Élisabeth Moreno, ministre chargée de l’Égalité entre les femmes et les hommes
Les critiques sur l’insuffisance des moyens mis en œuvre par l’État sont récurrentes. Pour nombre d’associations d’aide aux femmes, le compte n’y est pas. Dans son rapport comparatif entre la France et l’Espagne, souvent présenté comme le modèle en matière de prise en charge des féminicides, publié cette semaine, le centre francilien Hubertine Auclert souligne la différence entre les deux pays. « L’Espagne dépense 16 euros par habitant·e en matière de lutte contre les violences conjugales », soulignent les autrices du rapport. La France, elle, dépense un peu plus de 5 euros par habitant·e (sans compter les dépenses émises par les collectivités locales). « Pour être au même niveau de dépenses publiques que celui consacré à cette politique en Espagne, le budget interministériel français devrait s’élever à 1 milliard d’euros par an », ajoutent-elles. Des demandes qui agacent la ministre. « Le budget du ministère a augmenté de 40 % pour 2021, se défend Élisabeth Moreno. Mais tout ne dépend pas de mon budget et de mon ministère. Tous les efforts mis bout à bout, je peux vous dire qu’il n’y a pas eu un gouvernement qui ait autant mis la lumière et investi sur ce sujet. Alors, on pourrait continuer à investir des milliards, mais tant que les hommes n’auront pas compris qu’ils doivent arrêter ces violences, on n’y arrivera pas. C’est pas à coups de milliards qu’on va tout régler, mais à coups de sensibilisation, d’éducation et de sanctions que nous y parviendrons. »

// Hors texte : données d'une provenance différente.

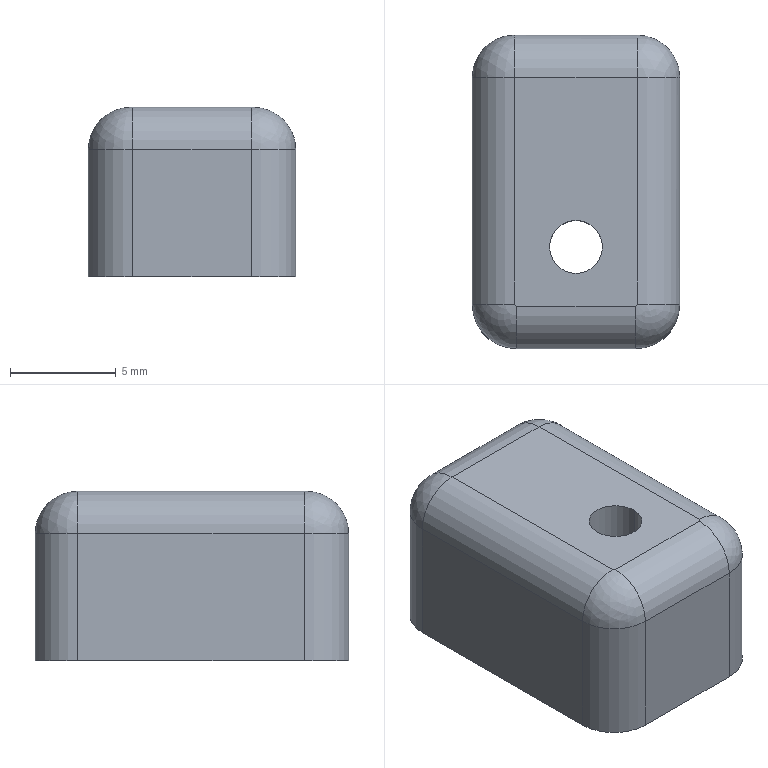CAM job | Mastercam | mm | 2 operations | part box 9.8 x 14.8 x 8
1. Unified Morph | 5 - 4 圆鼻铣刀
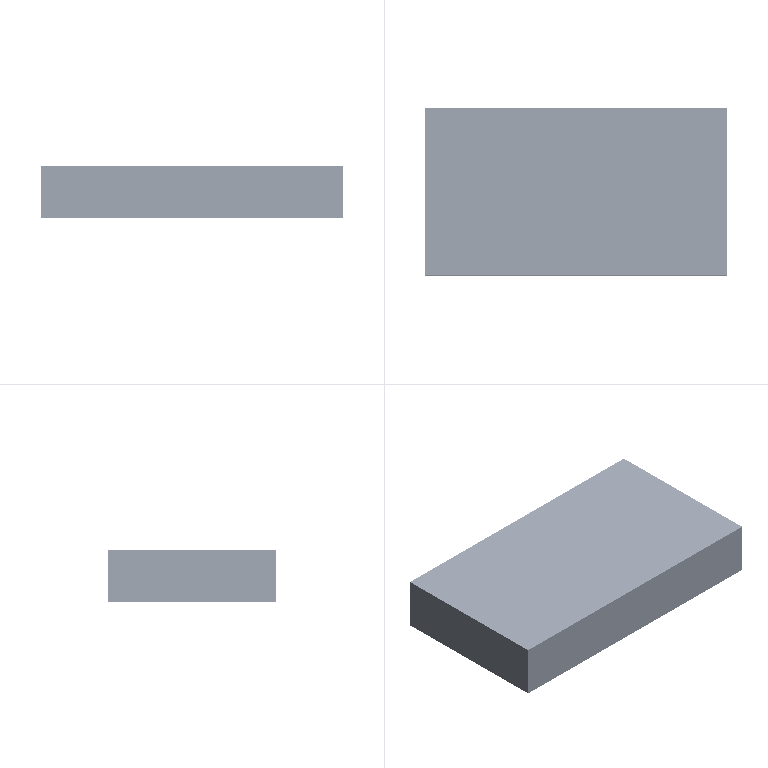2. Surface Finish Flowline | 5 - 4 圆鼻铣刀

La ministre s’est aussi employée à dissiper les craintes autour de l’avenir du 3919, le numéro d’écoute des femmes victimes de violences actuellement géré par la Fédération nationale Solidarité Femmes (FNSF) et sur le point d’être soumis à l’ouverture d’un marché public. Selon elle, cette mise en concurrence est une « obligation juridique ». Devant les craintes de désorganisation du réseau existant, voire de reprise en mains par des opérateurs téléphoniques au détriment de l’accueil des femmes, Élisabeth Moreno a tenu à préciser les choses. « Seules les entreprises expertes en matière de violences ou ayant déjà travaillé sur ce sujet seront habilitées à se porter candidates », a‑t-elle insisté. Une opération de déminage face à la polémique autour d’un numéro devenu emblématique dans la lutte contre les violences. En 2019, le 3919 a reçu 97 000 appels. Cette année, le même nombre d’appels a été atteint dès août, en à peine six mois. Une hausse des sollicitations qui s’explique, évidemment, par la crise sanitaire et le confinement du mois de mars qui a fragilisé les femmes en situation de violences. Peu de données sont disponibles au sujet du deuxième confinement, certes différent du premier, mais le ministère assure tout de même avoir enregistré une hausse de 15 % du nombre de tchats sur la plateforme Arretonslesviolences.gouv.fr.